The goal of this paper is to examine whether use of screening MRI varies by race, ethnicity, and SES, as assessed by education, after accounting for lifetime risk of developing breast cancer, in community practice using data from the Breast Cancer Surveillance Consortium (BCSC). Because use of MRI screening should be risk-based, differences in use by race, ethnicity, and SES after accounting for risk provide strong evidence for disparities in care.13 Use of MRI by women with <20% lifetime risk of breast cancer in excess of guidelines could suggest “overuse,” whereas among women with ≥20% lifetime risk, lack of guideline-consistent use of MRI screening could suggest “underuse.” As risk-based screening becomes more widely adopted in clinical practice, ensuring that each woman receives the most appropriate level of screening should promote both individual and population-level health.
Methods
Study Registries
The BCSC is a consortium of breast imaging registries in community-based settings with linkages to tumor and/or pathology registries, and a centralized Statistical Coordinating Center (SCC). This study used data from 5 registries: Carolina Mammography Registry (CMR), Group Health (GH) Cooperative (Washington state), New Hampshire Mammography Network (NHMN), San Francisco Mammography Registry (SFMR), and Vermont Breast Cancer Surveillance System (VBSS).14 The data from these five registries reflect mammography and screening MRI practice as it is performed in the community.15 Each registry and the SCC received institutional review board approval for either active consent or passive permission or a waiver of consent to enroll participants, link study data, and perform analytic studies.
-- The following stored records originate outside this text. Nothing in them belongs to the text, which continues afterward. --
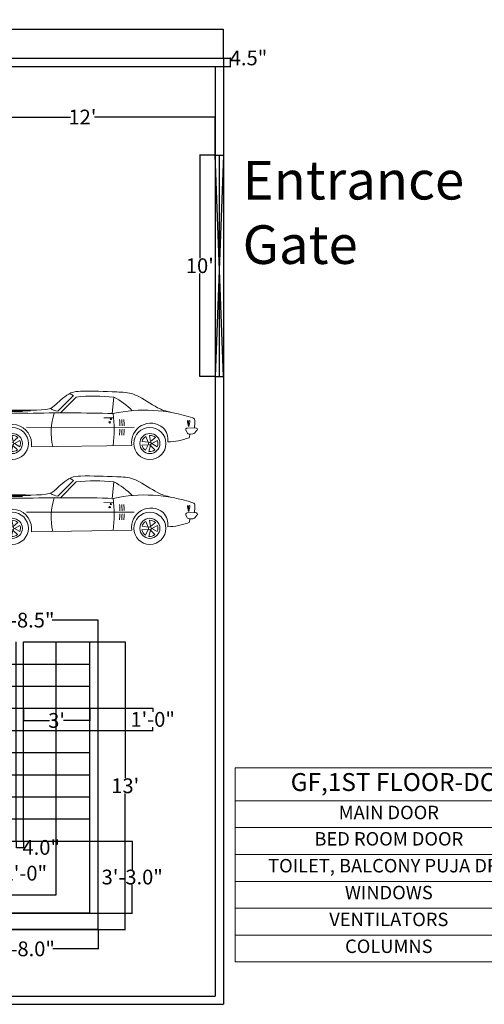
# Model space of a CAD drawing. Units: inches. Extents: x 20414 to 21627, y 49019 to 50314.
# Tile 9 of 10: x 20835 to 21087, y 49781 to 50314. Entities that reach past the tile are written whole.
import ezdxf

# ---------------------------------------------------------------- set-up
doc = ezdxf.new("R2010")
doc.units = ezdxf.units.IN
for name, color, linetype, lineweight in [('A-ANNO-DIMS', 7, 'Continuous', 18), ('A-ANNO-SCHD', 7, 'Continuous', 18), ('C-PROP', 6, 'Continuous', 25), ('C-SITE-GATE', 3, 'Continuous', 25), ('cars', 40, 'Continuous', 13), ('stairs', 4, 'Continuous', 25), ('text', 3, 'Continuous', 25), ('walls', 6, 'Continuous', 35)]:
    doc.layers.add(name, color=color, linetype=linetype, lineweight=lineweight)
doc.styles.get("Standard").update_dxf_attribs({"font": 'arial.ttf'})
doc.dimstyles.get("Standard").update_dxf_attribs({"dimtxt": 8, "dimasz": 0.18, "dimexe": 0.18, "dimexo": 0.0625, "dimgap": 0.09, "dimtad": 0, "dimtih": 1, "dimtoh": 1, "dimdec": 1, "dimzin": 0, "dimdsep": 46, "dimlunit": 3, "dimtxsty": 'Standard', "dimcen": 0.09, "dimadec": 0, "dimazin": 0, "dimtfac": 1, "dimtdec": 1, "dimtofl": 0, "dimtmove": 0, "dimatfit": 3, "dimfxl": 1, "dimtolj": 1, "dimtzin": 0, "dimarcsym": 0})

# ---------------------------------------------------------------- blocks, each defined once
blk = doc.blocks.new('*U25')
for p, q in [((1852, 1022), (2179, 1351)), ((1905, 986), (2237, 1320)), ((3032, 1318), (2995, 973)), ((1273, 1043), (872, 1041)), ((1099, 1012), (893, 1010)), ((897, 1028), (1273, 1032)), ((2822, 882), (3009, 880)), ((1185, 681), (3462, 680)), ((4581, 665), (4763, 671)), ((189, 502), (247, 503)), ((248, 455), (217, 455)), ((263, 487), (264, 471)), ((4554, 619), (4578, 571)), ((4639, 537), (4697, 540)), ((4742, 563), (4788, 619)), ((1292, 344), (1293, 267))]:
    blk.add_line(p, q)
for points in [[(897, 1014), (897, 1023, 0.269532), (893, 1030), (873, 1041, 0.575383), (867, 1037), (868, 1028, 0.269532), (872, 1022), (891, 1011, 0.575383)], [(724, 383), (854, 366), (804, 487, 0.199906)], [(880, 509), (903, 380), (1003, 465, 0.199906)], [(3628, 383), (3758, 366), (3709, 487, 0.199906)], [(3784, 509), (3808, 380), (3908, 465, 0.199906)], [(795, 196), (852, 314), (721, 305, 0.199906)], [(995, 206), (901, 297), (870, 170, 0.199906)], [(1048, 400), (932, 338), (1044, 269, 0.199906)], [(3700, 196), (3757, 314), (3626, 305, 0.199906)], [(3900, 206), (3805, 297), (3774, 170, 0.199906)], [(3952, 400), (3837, 338), (3948, 269, 0.199906)]]:
    blk.add_lwpolyline(points, format="xyb", close=True)
for points in [[(4612, 698), (4611, 811), (4584, 824)], [(4612, 698), (4611, 811), (4637, 824)], [(1293, 267), (3413, 300)]]:
    blk.add_lwpolyline(points)
for centre, radius in [((888, 339), 339), ((2944, 788), 15.7), ((3793, 339), 339), ((888, 339), 212), ((3793, 339), 212), ((888, 339), 31.7), ((3793, 339), 31.7)]:
    blk.add_circle(centre, radius)
for centre, radius, start, end in [((2911, 2669), 1508, 237.6103, 240.9785), ((2628, -2413), 3754, 83.8163, 95.9705), ((2426, 99), 1362, 43.2748, 63.5665), ((1861, 1282), 261, 230.424, 268.0085), ((3687, -2156), 3200, 71.5283, 102.1242), ((1071, -2828), 3808, 87.8393, 105.8096), ((522, -80), 1094, 98.5304, 116.112), ((2011, 765), 1938, 177.5773, 185.5205), ((2035, -34649), 35635, 88.423, 91.3179), ((3005, 572), 1299, 161.4307, 193.2363), ((652, 634), 2388, 351.8279, 8.1674), ((1159, 682), 2000, 0.852, 4.6556), ((1205, 682), 2000, 0.852, 4.6556), ((1250, 683), 2000, 0.852, 4.6556), ((4681, 819), 63.3, 357.932, 71.5283), ((888, 339), 404, 0.6373, 176.3412), ((1159, 682), 2000, 355.2644, 358.8633), ((1205, 682), 2000, 355.2644, 358.8633), ((1250, 683), 2000, 355.2644, 358.8633), ((3812, 365), 404, 49.2263, 189.1528), ((3795, 420), 377, 352.7285, 41.6613), ((4582, 633), 31.7, 91.939, 207.109), ((5493, 959), 919, 188.4683, 196.5315), ((3726, 939), 919, 344.7432, 352.8063), ((2960, 881), 1785, 353.1942, 357.932), ((4764, 639), 31.7, 320.1683, 91.939), ((248, 487), 15.8, 0.6373, 90.6373), ((248, 471), 15.8, 270.6373, 0.6373), ((4127, 1799), 1427, 271.6865, 290.2774), ((4635, 600), 63.3, 207.109, 273.4677), ((2902, 940), 1785, 344.3985, 346.9385), ((4693, 604), 63.3, 273.4677, 320.1683)]:
    blk.add_arc(centre, radius, start, end)
blk.add_ellipse((2969, 853), major_axis=(-16, -0.2), ratio=0.610043)
for points, knots in [([(289, 989), (459, 1021), (785, 1067), (1645, 1019), (1784, 1141), (2092, 1432), (2519, 1455), (2948, 1431), (3379, 1419), (3689, 1267), (3902, 1113), (4094, 1033), (4189, 1009), (4249, 994)], [18.629823, 18.629823, 18.629823, 18.629823, 19.527405, 20.700571, 21.107983, 21.608568, 21.92336, 23.151359, 23.716171, 23.908743, 24.77794, 24.943072, 25.187755, 25.187755, 25.187755, 25.187755]), ([(485, 365), (482, 361), (470, 351), (390, 381), (234, 354), (184, 564), (77, 575), (34, 600), (16, 684), (-24, 800), (39, 829), (38, 865), (38, 884), (38, 890), (39, 897), (40, 902)], [16.815853, 16.815853, 16.815853, 16.815853, 16.838212, 16.885395, 17.18439, 17.479846, 17.654423, 17.670693, 17.696923, 18.016358, 18.052739, 18.140805, 18.140805, 18.140805, 18.172382, 18.172382, 18.172382, 18.172382])]:
    blk.add_open_spline(points, degree=3, knots=knots)
blk = doc.blocks.new('*D37')
at = {"layer": 'A-ANNO-DIMS', "color": 0, "lineweight": -2, "transparency": 16777216}
for p, q in [((20877.55, 49977.01), (20892.4, 49977.01)), ((20892.22, 49976.83), (20892.22, 49903.18)), ((20892.22, 49821.19), (20892.22, 49894.83)), ((20877.55, 49821.01), (20892.4, 49821.01))]:
    blk.add_line(p, q, dxfattribs=at)
at = {"layer": 'A-ANNO-DIMS', "color": 0, "transparency": 16777216}
for points in [[(20892.19, 49976.83), (20892.25, 49976.83), (20892.22, 49977.01)], [(20892.19, 49821.19), (20892.25, 49821.19), (20892.22, 49821.01)]]:
    blk.add_solid(points, dxfattribs=at)
at = {"layer": 'Defpoints', "color": 0, "transparency": 16777216}
for p in [(20877.49, 49977.01), (20892.22, 49977.01), (20877.49, 49821.01)]:
    blk.add_point(p, dxfattribs=at)
at = {"layer": 'A-ANNO-DIMS', "color": 0, "transparency": 16777216, "insert": (20892.22, 49899.01), "char_height": 8, "attachment_point": 5}
blk.add_mtext("\\A1;13'", dxfattribs=at)
blk = doc.blocks.new('*D38')
at = {"layer": 'A-ANNO-DIMS', "color": 0, "lineweight": -2, "transparency": 16777216}
for p, q in [((20796.99, 49977.07), (20796.99, 49989.02)), ((20797.17, 49988.84), (20821.84, 49988.84)), ((20877.31, 49988.84), (20852.65, 49988.84)), ((20877.49, 49977.07), (20877.49, 49989.02))]:
    blk.add_line(p, q, dxfattribs=at)
at = {"layer": 'A-ANNO-DIMS', "color": 0, "transparency": 16777216}
for points in [[(20797.17, 49988.87), (20797.17, 49988.81), (20796.99, 49988.84)], [(20877.31, 49988.87), (20877.31, 49988.81), (20877.49, 49988.84)]]:
    blk.add_solid(points, dxfattribs=at)
at = {"layer": 'Defpoints', "color": 0, "transparency": 16777216}
for p in [(20877.49, 49988.84), (20796.99, 49977.01), (20877.49, 49977.01)]:
    blk.add_point(p, dxfattribs=at)
at = {"layer": 'A-ANNO-DIMS', "color": 0, "transparency": 16777216, "insert": (20837.24, 49988.84), "char_height": 8, "attachment_point": 5}
blk.add_mtext('\\A1;6\'-8.5"', dxfattribs=at)
blk = doc.blocks.new('*D39')
at = {"layer": 'A-ANNO-DIMS', "color": 0, "lineweight": -2, "transparency": 16777216}
for p, q in [((20873.05, 49869.01), (20896.18, 49869.01)), ((20896, 49868.83), (20896, 49853.68)), ((20896, 49830.19), (20896, 49845.33)), ((20873.05, 49830.01), (20896.18, 49830.01))]:
    blk.add_line(p, q, dxfattribs=at)
at = {"layer": 'A-ANNO-DIMS', "color": 0, "transparency": 16777216}
for points in [[(20895.97, 49868.83), (20896.03, 49868.83), (20896, 49869.01)], [(20895.97, 49830.19), (20896.03, 49830.19), (20896, 49830.01)]]:
    blk.add_solid(points, dxfattribs=at)
at = {"layer": 'Defpoints', "color": 0, "transparency": 16777216}
for p in [(20872.99, 49869.01), (20896, 49869.01), (20872.99, 49830.01)]:
    blk.add_point(p, dxfattribs=at)
at = {"layer": 'A-ANNO-DIMS', "color": 0, "transparency": 16777216, "insert": (20896, 49849.51), "char_height": 8, "attachment_point": 5}
blk.add_mtext('\\A1;3\'-3.0"', dxfattribs=at)
blk = doc.blocks.new('*D40')
at = {"layer": 'A-ANNO-DIMS', "color": 0, "lineweight": -2, "transparency": 16777216}
for p, q in [((20797.49, 49820.94), (20797.49, 49810.39)), ((20877.49, 49820.94), (20877.49, 49810.39)), ((20797.67, 49810.57), (20822.09, 49810.57)), ((20877.31, 49810.57), (20852.9, 49810.57))]:
    blk.add_line(p, q, dxfattribs=at)
at = {"layer": 'A-ANNO-DIMS', "color": 0, "transparency": 16777216}
for points in [[(20797.67, 49810.6), (20797.67, 49810.54), (20797.49, 49810.57)], [(20877.31, 49810.6), (20877.31, 49810.54), (20877.49, 49810.57)]]:
    blk.add_solid(points, dxfattribs=at)
at = {"layer": 'Defpoints', "color": 0, "transparency": 16777216}
for p in [(20797.49, 49821.01), (20877.49, 49821.01), (20877.49, 49810.57)]:
    blk.add_point(p, dxfattribs=at)
at = {"layer": 'A-ANNO-DIMS', "color": 0, "transparency": 16777216, "insert": (20837.49, 49810.57), "char_height": 8, "attachment_point": 5}
blk.add_mtext('\\A1;6\'-8.0"', dxfattribs=at)
blk = doc.blocks.new('*D42')
at = {"layer": 'A-ANNO-DIMS', "color": 0, "lineweight": -2, "transparency": 16777216}
for p, q in [((20832.99, 49868.94), (20832.99, 49865.42)), ((20836.99, 49868.94), (20836.99, 49865.42)), ((20833.17, 49865.6), (20836.81, 49865.6)), ((20836.99, 49865.6), (20837.17, 49865.6))]:
    blk.add_line(p, q, dxfattribs=at)
at = {"layer": 'A-ANNO-DIMS', "color": 0, "transparency": 16777216}
for points in [[(20833.17, 49865.63), (20833.17, 49865.57), (20832.99, 49865.6)], [(20836.81, 49865.63), (20836.81, 49865.57), (20836.99, 49865.6)]]:
    blk.add_solid(points, dxfattribs=at)
at = {"layer": 'Defpoints', "color": 0, "transparency": 16777216}
for p in [(20832.99, 49869.01), (20836.99, 49869.01), (20836.99, 49865.6)]:
    blk.add_point(p, dxfattribs=at)
at = {"layer": 'A-ANNO-DIMS', "color": 0, "transparency": 16777216, "insert": (20846.68, 49865.6), "char_height": 8, "attachment_point": 5}
blk.add_mtext('\\A1;4.0"', dxfattribs=at)
blk = doc.blocks.new('*D43')
at = {"layer": 'A-ANNO-DIMS', "color": 0, "lineweight": -2, "transparency": 16777216}
for p, q in [((20836.99, 49940.94), (20836.99, 49934.26)), ((20872.99, 49940.94), (20872.99, 49934.26)), ((20837.17, 49934.44), (20851.22, 49934.44)), ((20872.81, 49934.44), (20858.76, 49934.44))]:
    blk.add_line(p, q, dxfattribs=at)
at = {"layer": 'A-ANNO-DIMS', "color": 0, "transparency": 16777216}
for points in [[(20837.17, 49934.47), (20837.17, 49934.41), (20836.99, 49934.44)], [(20872.81, 49934.47), (20872.81, 49934.41), (20872.99, 49934.44)]]:
    blk.add_solid(points, dxfattribs=at)
at = {"layer": 'Defpoints', "color": 0, "transparency": 16777216}
for p in [(20836.99, 49941.01), (20872.99, 49941.01), (20872.99, 49934.44)]:
    blk.add_point(p, dxfattribs=at)
at = {"layer": 'A-ANNO-DIMS', "color": 0, "transparency": 16777216, "insert": (20854.99, 49934.44), "char_height": 8, "attachment_point": 5}
blk.add_mtext("\\A1;3'", dxfattribs=at)
blk = doc.blocks.new('*T57')
at = {"layer": 'A-ANNO-SCHD', "transparency": 16777216}
for p, q in [((0, 0), (411.04, 0)), ((0, 0), (0, -105.19)), ((411.04, 0), (411.04, -105.19)), ((0, -17.8), (411.04, -17.8)), ((166.47, -17.8), (166.47, -105.19)), ((205.52, -17.8), (205.52, -105.19)), ((308.28, -17.8), (308.28, -105.19)), ((0, -32.37), (411.04, -32.37)), ((0, -46.93), (411.04, -46.93)), ((0, -61.49), (411.04, -61.49)), ((0, -76.06), (411.04, -76.06)), ((0, -90.62), (411.04, -90.62)), ((0, -105.19), (411.04, -105.19))]:
    blk.add_line(p, q, dxfattribs=at)
at = {"layer": 'A-ANNO-SCHD', "color": 0, "transparency": 16777216}
for s, insert, char_height, width, attachment_point in [('GF,1ST FLOOR-DOORS,WINDOWS,COLUMNS SCHEDULES', (205.52, -8.9), 9.7096, 406.1845, 5), ('MAIN DOOR', (83.23, -25.08), 7.282, 161.6127, 5), ("4'*7'", (185.99, -25.08), 7.282, 34.1974, 5), ('2 NOS.', (256.9, -25.08), 7.282, 97.905, 5), ('BED ROOM DOOR', (83.23, -34.79), 7.2822, 161.6127, 2), ("3'*7'", (185.99, -34.79), 7.282, 34.1974, 2), ('5 NOS', (256.9, -34.79), 7.282, 97.905, 2), ('TOILET, BALCONY PUJA DRS', (83.23, -49.36), 7.2822, 161.6127, 2), ("2'6''*7'", (185.99, -49.36), 7.282, 34.1974, 2), ('7 NOS', (256.9, -49.36), 7.282, 97.905, 2), ('WINDOWS', (83.23, -63.92), 7.282, 161.6127, 2), ("3'*4'", (185.99, -63.92), 7.282, 34.1974, 2), ('16 NOS', (256.9, -63.92), 7.282, 97.905, 2), ('VENTILATORS', (83.23, -78.49), 7.2822, 161.6127, 2), ("2'*2'", (185.99, -78.49), 7.282, 34.1974, 2), ('5 NOS', (256.9, -78.49), 7.282, 97.905, 2), ('COLUMNS', (83.23, -93.05), 7.282, 161.6127, 2), ("9''*9''", (185.99, -93.05), 7.282, 34.1974, 2), ('12 NOS', (256.9, -93.05), 7.282, 97.905, 2)]:
    blk.add_mtext(s, dxfattribs=dict(at, insert=insert, char_height=char_height, width=width, attachment_point=attachment_point))
blk = doc.blocks.new('*D59')
at = {"layer": 'A-ANNO-DIMS', "color": 0, "lineweight": -2, "transparency": 16777216}
for p, q in [((20796.99, 50241.07), (20796.99, 50261.82)), ((20797.17, 50261.64), (20862.49, 50261.64)), ((20940.81, 50261.64), (20875.49, 50261.64)), ((20940.99, 50241.07), (20940.99, 50261.82))]:
    blk.add_line(p, q, dxfattribs=at)
at = {"layer": 'A-ANNO-DIMS', "color": 0, "transparency": 16777216}
for points in [[(20797.17, 50261.67), (20797.17, 50261.61), (20796.99, 50261.64)], [(20940.81, 50261.67), (20940.81, 50261.61), (20940.99, 50261.64)]]:
    blk.add_solid(points, dxfattribs=at)
at = {"layer": 'Defpoints', "color": 0, "transparency": 16777216}
for p in [(20940.99, 50261.64), (20796.99, 50241.01), (20940.99, 50241.01)]:
    blk.add_point(p, dxfattribs=at)
at = {"layer": 'A-ANNO-DIMS', "color": 0, "transparency": 16777216, "insert": (20868.99, 50261.64), "char_height": 8, "attachment_point": 5}
blk.add_mtext("\\A1;12'", dxfattribs=at)
blk = doc.blocks.new('*D61')
at = {"layer": 'A-ANNO-DIMS', "color": 0, "lineweight": -2, "transparency": 16777216}
for p, q in [((20468.49, 50293.57), (20468.49, 50309.35)), ((20468.67, 50309.17), (20688.5, 50309.17)), ((20945.31, 50309.17), (20725.48, 50309.17)), ((20945.49, 50293.57), (20945.49, 50309.35))]:
    blk.add_line(p, q, dxfattribs=at)
at = {"layer": 'A-ANNO-DIMS', "color": 0, "transparency": 16777216}
for points in [[(20468.67, 50309.2), (20468.67, 50309.14), (20468.49, 50309.17)], [(20945.31, 50309.2), (20945.31, 50309.14), (20945.49, 50309.17)]]:
    blk.add_solid(points, dxfattribs=at)
at = {"layer": 'Defpoints', "color": 0, "transparency": 16777216}
for p in [(20945.49, 50309.17), (20468.49, 50293.51), (20945.49, 50293.51)]:
    blk.add_point(p, dxfattribs=at)
at = {"layer": 'A-ANNO-DIMS', "color": 0, "transparency": 16777216, "insert": (20706.99, 50309.17), "char_height": 8, "attachment_point": 5}
blk.add_mtext('\\A1;39\'-9.0"', dxfattribs=at)
blk = doc.blocks.new('*D65')
at = {"layer": 'A-ANNO-DIMS', "color": 0, "lineweight": -2, "transparency": 16777216}
for p, q in [((20940.93, 50241.01), (20932.47, 50241.01)), ((20932.65, 50240.83), (20932.65, 50185.18)), ((20932.65, 50121.19), (20932.65, 50176.83)), ((20940.93, 50121.01), (20932.47, 50121.01))]:
    blk.add_line(p, q, dxfattribs=at)
at = {"layer": 'A-ANNO-DIMS', "color": 0, "transparency": 16777216}
for points in [[(20932.62, 50240.83), (20932.68, 50240.83), (20932.65, 50241.01)], [(20932.62, 50121.19), (20932.68, 50121.19), (20932.65, 50121.01)]]:
    blk.add_solid(points, dxfattribs=at)
at = {"layer": 'Defpoints', "color": 0, "transparency": 16777216}
for p in [(20932.65, 50241.01), (20940.99, 50241.01), (20940.99, 50121.01)]:
    blk.add_point(p, dxfattribs=at)
at = {"layer": 'A-ANNO-DIMS', "color": 0, "transparency": 16777216, "insert": (20932.65, 50181.01), "char_height": 8, "attachment_point": 5}
blk.add_mtext("\\A1;10'", dxfattribs=at)
blk = doc.blocks.new('*D69')
at = {"layer": 'A-ANNO-DIMS', "color": 0, "lineweight": -2, "transparency": 16777216}
for p, q in [((20941.05, 50293.51), (20949.54, 50293.51)), ((20949.36, 50293.51), (20949.36, 50293.69)), ((20949.36, 50293.69), (20949.54, 50293.69)), ((20949.36, 50289.19), (20949.36, 50293.33)), ((20941.05, 50289.01), (20949.54, 50289.01))]:
    blk.add_line(p, q, dxfattribs=at)
at = {"layer": 'A-ANNO-DIMS', "color": 0, "transparency": 16777216}
for points in [[(20949.33, 50293.33), (20949.39, 50293.33), (20949.36, 50293.51)], [(20949.33, 50289.19), (20949.39, 50289.19), (20949.36, 50289.01)]]:
    blk.add_solid(points, dxfattribs=at)
at = {"layer": 'Defpoints', "color": 0, "transparency": 16777216}
for p in [(20940.99, 50293.51), (20949.36, 50293.51), (20940.99, 50289.01)]:
    blk.add_point(p, dxfattribs=at)
at = {"layer": 'A-ANNO-DIMS', "color": 0, "transparency": 16777216, "insert": (20959.05, 50293.69), "char_height": 8, "attachment_point": 5}
blk.add_mtext('\\A1;4.5"', dxfattribs=at)
blk = doc.blocks.new('STAIR-RETURN-76IN')
for p, q in [((0, 0), (0, 156)), ((36, 48), (36, 156)), ((40, 48), (40, 156)), ((76, 9), (76, 156)), ((0, 144), (76, 144)), ((0, 132), (76, 132)), ((0, 120), (76, 120)), ((0, 108), (76, 108)), ((0, 96), (76, 96)), ((0, 84), (76, 84)), ((0, 72), (76, 72)), ((0, 60), (76, 60)), ((0, 48), (76, 48))]:
    blk.add_line(p, q)
blk.add_lwpolyline([(57.62, 156), (57.62, 18.61), (18.78, 18.61), (18.78, 138.01), (16.02, 133.61), (21.12, 133.61), (18.78, 138.01)])
blk = doc.blocks.new('*D118')
at = {"layer": 'A-ANNO-DIMS', "color": 0, "lineweight": -2, "transparency": 16777216}
for p, q in [((20733.71, 49848.07), (20733.71, 49851.79)), ((20733.89, 49851.61), (20757.53, 49851.61)), ((20757.71, 49848.07), (20757.71, 49851.79)), ((20757.71, 49851.61), (20757.89, 49851.61))]:
    blk.add_line(p, q, dxfattribs=at)
at = {"layer": 'A-ANNO-DIMS', "color": 0, "transparency": 16777216}
for points in [[(20733.89, 49851.64), (20733.89, 49851.58), (20733.71, 49851.61)], [(20757.53, 49851.64), (20757.53, 49851.58), (20757.71, 49851.61)]]:
    blk.add_solid(points, dxfattribs=at)
at = {"layer": 'Defpoints', "color": 0, "transparency": 16777216}
for p in [(20757.71, 49851.61), (20733.71, 49848.01), (20757.71, 49848.01)]:
    blk.add_point(p, dxfattribs=at)
at = {"layer": 'A-ANNO-DIMS', "color": 0, "transparency": 16777216, "insert": (20805.06, 49851.61), "char_height": 8, "attachment_point": 5}
blk.add_mtext('\\A1;MICROWAVE 2\'-0"', dxfattribs=at)
blk = doc.blocks.new('*D144')
at = {"layer": 'A-ANNO-DIMS', "color": 0, "lineweight": -2, "transparency": 16777216}
for p, q in [((20873.05, 49941.01), (20907.27, 49941.01)), ((20907.09, 49940.83), (20907.09, 49939.18)), ((20873.05, 49929.01), (20907.27, 49929.01)), ((20907.09, 49929.19), (20907.09, 49930.83))]:
    blk.add_line(p, q, dxfattribs=at)
at = {"layer": 'A-ANNO-DIMS', "color": 0, "transparency": 16777216}
for points in [[(20907.06, 49940.83), (20907.12, 49940.83), (20907.09, 49941.01)], [(20907.06, 49929.19), (20907.12, 49929.19), (20907.09, 49929.01)]]:
    blk.add_solid(points, dxfattribs=at)
at = {"layer": 'Defpoints', "color": 0, "transparency": 16777216}
for p in [(20872.99, 49941.01), (20872.99, 49929.01), (20907.09, 49929.01)]:
    blk.add_point(p, dxfattribs=at)
at = {"layer": 'A-ANNO-DIMS', "color": 0, "transparency": 16777216, "insert": (20907.09, 49935.01), "char_height": 8, "attachment_point": 5}
blk.add_mtext('\\A1;1\'-0"', dxfattribs=at)

msp = doc.modelspace()

# ---------------------------------------------------------------- linework, layer by layer
at = {"layer": 'C-PROP'}
for p, q in [((20468.49, 50293.51), (20945.49, 50293.51)), ((20945.49, 50293.51), (20945.49, 49780.51)), ((20472.99, 50289.01), (20940.99, 50289.01)), ((20940.99, 50289.01), (20940.99, 49785.01)), ((20796.99, 49785.01), (20940.99, 49785.01)), ((20468.49, 49780.51), (20945.49, 49780.51))]:
    msp.add_line(p, q, dxfattribs=at)
at = {"layer": 'C-SITE-GATE'}
for p, q in [((20940.99, 50241.01), (20945.49, 50241.01)), ((20945.49, 50121.01), (20940.99, 50241.01)), ((20945.49, 50241.01), (20940.99, 50121.01)), ((20943.24, 50121.01), (20943.24, 50241.01)), ((20940.99, 50121.01), (20945.49, 50121.01))]:
    msp.add_line(p, q, dxfattribs=at)
at = {"layer": 'stairs'}
for p in [(20836.99, 49977.01), (20877.49, 49821.01)]:
    msp.add_line(p, (20877.49, 49977.01), dxfattribs=at)
at = {"layer": 'walls'}
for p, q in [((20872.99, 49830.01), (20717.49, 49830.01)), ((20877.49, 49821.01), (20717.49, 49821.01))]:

All registries and the SCC have received a Federal Certificate of Confidentiality and other protection for the identities of women, physicians, and facilities that are subjects of this research.
Study Population
We included women aged 35-69 years who had a negative screening mammogram (i.e., to ensure that any subsequent MRI was not being done for diagnostic purposes). The BCSC defines a negative screening mammogram as a BIRADS final assessment of: 1, 2, or 3 (with no recommendation for biopsy, FNA, or surgical consult).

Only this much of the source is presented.